Tout indique que les rendements seront faibles au cours de la prochaine décennie, que les revenus seront stables au cours de la prochaine décennie et que l’inflation sera faible au cours de la prochaine décennie. Mon conseil stupide serait de préparer un plan d’urgence pour un tel scénario.

Ce scénario va au-delà des facteurs économiques et indique, à mon avis, des risques sociaux et politiques, ou ce que j’ai appelé avant le “risque idéologique”. J’y ai fait allusion dans des articles précédents où ces idées auraient pu sembler encore plus bêtes qu’elles ne le sont maintenant, alors que le monde semble se diriger vers un crescendo d’irrationalité.

Quiconque connaît les ondes de Kondratiev sait aussi que la coïncidence des grands conflits militaires avec les pics de ces ondes est bien connue. Donc, si cette corrélation est valable, et j’ai raison de dire que les ondes de Kondratiev ont été réduites à trente ans, alors on s’attendrait à voir des conflits militaires majeurs dans les années 1910, 1940, 1970 et 2000, en plus de ceux du début des années 1800 et 1860 selon l’ancien modèle de Kondratiev. Bien sûr, c’est exactement ce que nous avons vu.

De plus, si l’analogie la plus proche de ce qui semble être notre destin économique est les années 1930 et 1940, cela suggère une période de bouleversements idéologiques et géopolitiques dans le monde entier nous amenant à la guerre mondiale. Je ne prédis pas une guerre mondiale. Mais je ne suis pas le seul à avoir remarqué qu’une guerre entre les deux superpuissances actuelles du monde semble avoir fait un grand bond en avant, si vous voulez, au cours des trois derniers mois.

Quand la Seconde Guerre mondiale a-t-elle commencé ? D’une certaine manière, beaucoup de pièces étaient déjà en place dans les années 1920. Même si les années 1920 ont été très mouvementées, elles ont été tumultueuses à bien des égards. Le fascisme était déjà une réalité, tout comme le communisme.

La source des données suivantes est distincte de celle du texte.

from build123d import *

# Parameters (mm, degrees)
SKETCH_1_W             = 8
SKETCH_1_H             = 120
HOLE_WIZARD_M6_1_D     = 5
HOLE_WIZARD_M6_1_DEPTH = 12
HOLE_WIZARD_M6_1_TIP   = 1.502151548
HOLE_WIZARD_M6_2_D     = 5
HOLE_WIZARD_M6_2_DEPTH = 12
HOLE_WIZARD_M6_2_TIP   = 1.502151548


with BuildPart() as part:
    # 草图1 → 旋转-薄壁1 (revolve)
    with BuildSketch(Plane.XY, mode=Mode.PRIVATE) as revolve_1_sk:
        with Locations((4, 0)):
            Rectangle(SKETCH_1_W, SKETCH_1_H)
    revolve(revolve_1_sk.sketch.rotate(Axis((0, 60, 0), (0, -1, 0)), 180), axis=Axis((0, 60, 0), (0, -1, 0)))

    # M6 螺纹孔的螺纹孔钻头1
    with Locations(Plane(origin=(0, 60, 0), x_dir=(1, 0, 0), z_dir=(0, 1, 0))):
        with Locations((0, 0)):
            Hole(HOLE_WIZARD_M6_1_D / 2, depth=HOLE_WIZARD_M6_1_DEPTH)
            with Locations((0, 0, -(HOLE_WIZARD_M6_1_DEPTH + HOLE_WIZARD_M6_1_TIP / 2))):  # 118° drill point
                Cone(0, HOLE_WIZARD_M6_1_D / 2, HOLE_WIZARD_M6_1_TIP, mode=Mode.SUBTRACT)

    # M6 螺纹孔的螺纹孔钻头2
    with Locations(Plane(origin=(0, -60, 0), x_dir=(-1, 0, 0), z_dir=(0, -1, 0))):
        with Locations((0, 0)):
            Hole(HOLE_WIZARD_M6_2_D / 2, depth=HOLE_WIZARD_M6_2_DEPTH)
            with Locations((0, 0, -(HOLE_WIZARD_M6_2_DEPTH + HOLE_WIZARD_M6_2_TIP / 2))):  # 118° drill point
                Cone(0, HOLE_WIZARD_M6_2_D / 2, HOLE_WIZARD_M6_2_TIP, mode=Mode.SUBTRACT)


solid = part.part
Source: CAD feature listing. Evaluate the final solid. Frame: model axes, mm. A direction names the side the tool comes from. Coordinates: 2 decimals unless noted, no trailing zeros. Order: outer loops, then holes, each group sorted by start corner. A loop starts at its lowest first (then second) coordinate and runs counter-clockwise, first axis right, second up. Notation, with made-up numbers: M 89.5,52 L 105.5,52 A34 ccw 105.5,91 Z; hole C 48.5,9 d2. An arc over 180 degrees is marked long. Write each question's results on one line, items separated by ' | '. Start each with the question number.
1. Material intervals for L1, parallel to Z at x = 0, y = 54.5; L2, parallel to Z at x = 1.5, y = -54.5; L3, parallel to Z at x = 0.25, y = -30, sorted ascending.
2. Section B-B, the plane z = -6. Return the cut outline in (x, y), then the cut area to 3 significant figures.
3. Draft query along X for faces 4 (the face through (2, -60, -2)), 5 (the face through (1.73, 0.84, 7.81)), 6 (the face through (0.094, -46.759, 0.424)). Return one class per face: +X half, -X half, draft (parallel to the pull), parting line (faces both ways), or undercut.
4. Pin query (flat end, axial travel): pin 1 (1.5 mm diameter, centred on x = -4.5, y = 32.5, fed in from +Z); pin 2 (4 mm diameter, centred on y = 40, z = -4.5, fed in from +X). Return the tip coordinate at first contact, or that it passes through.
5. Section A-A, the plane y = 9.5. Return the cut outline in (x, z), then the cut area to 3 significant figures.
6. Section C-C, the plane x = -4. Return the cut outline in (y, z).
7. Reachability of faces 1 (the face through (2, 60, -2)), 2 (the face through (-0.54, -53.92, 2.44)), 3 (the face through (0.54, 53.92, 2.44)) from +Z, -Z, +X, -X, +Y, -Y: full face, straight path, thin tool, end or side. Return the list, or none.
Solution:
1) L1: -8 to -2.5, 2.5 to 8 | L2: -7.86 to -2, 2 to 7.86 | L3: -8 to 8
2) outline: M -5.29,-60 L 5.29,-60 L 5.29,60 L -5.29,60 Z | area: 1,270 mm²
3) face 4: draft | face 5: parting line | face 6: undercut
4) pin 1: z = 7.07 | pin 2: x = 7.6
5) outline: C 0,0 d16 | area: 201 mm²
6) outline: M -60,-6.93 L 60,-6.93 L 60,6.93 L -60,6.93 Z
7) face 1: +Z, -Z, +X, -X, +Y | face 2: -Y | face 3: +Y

L’apogée du KKK aux États-Unis se situe dans les années 1920. Je ne compare personne à de tels mouvements associés à des personnages historiques.

Ce que je veux dire, c’est que si nous nous permettons de considérer ces événements sans passion, comme l’œuvre de forces historiques tectoniques, nous pourrions être en mesure d’identifier des forces similaires à l’œuvre aujourd’hui, des forces qui œuvrent à rompre l’équilibre de l’après-guerre. En 2020, le populisme semble véritablement prendre une vie propre, indépendante de toute figure politique particulière.

En d’autres termes, si l’on peut dire que la Seconde Guerre mondiale elle-même a commencé avec l’invasion japonaise de la Mandchourie en 1931 ou la guerre civile espagnole en 1936, il n’en reste pas moins que de nombreux éléments idéologiques étaient déjà en place ou actifs dans les années 1920.

Je ne connais aucun moyen de se préparer à des éventualités aussi extrêmes. Vous pouvez stocker des armes ou thésauriser de l’or ou vous installer en Nouvelle-Zélande, je suppose, et cela pourrait même fonctionner, mais en fin de compte, il est peu probable que de nombreuses personnes soient capables d’anticiper la façon de naviguer sur des eaux aussi traîtresses.

Le besoin de réponses

La réponse, s’il y en a une, est de résoudre les mystères du marché décrits ci-dessus. S’ils sont réels, qu’est-ce qui les fait fonctionner ? Existe-t-il une sorte de mécanisme invisible qui fonctionne au niveau macro, ou au niveau souterrain, et qui rend une dépression inévitable ? Ou existe-t-il des réformes, des politiques, des mesures qui pourraient être mises en œuvre pour éviter une telle catastrophe ?

Divulgation : Je n’ai/nous n’avons aucune position sur les actions mentionnées et je ne prévois pas d’en prendre dans les 72 heures à venir. J’ai écrit cet article moi-même, et il exprime mes propres opinions. Je ne reçois aucune compensation pour cela. Je n’ai aucune relation d’affaires avec une entreprise dont les actions sont mentionnées dans cet article.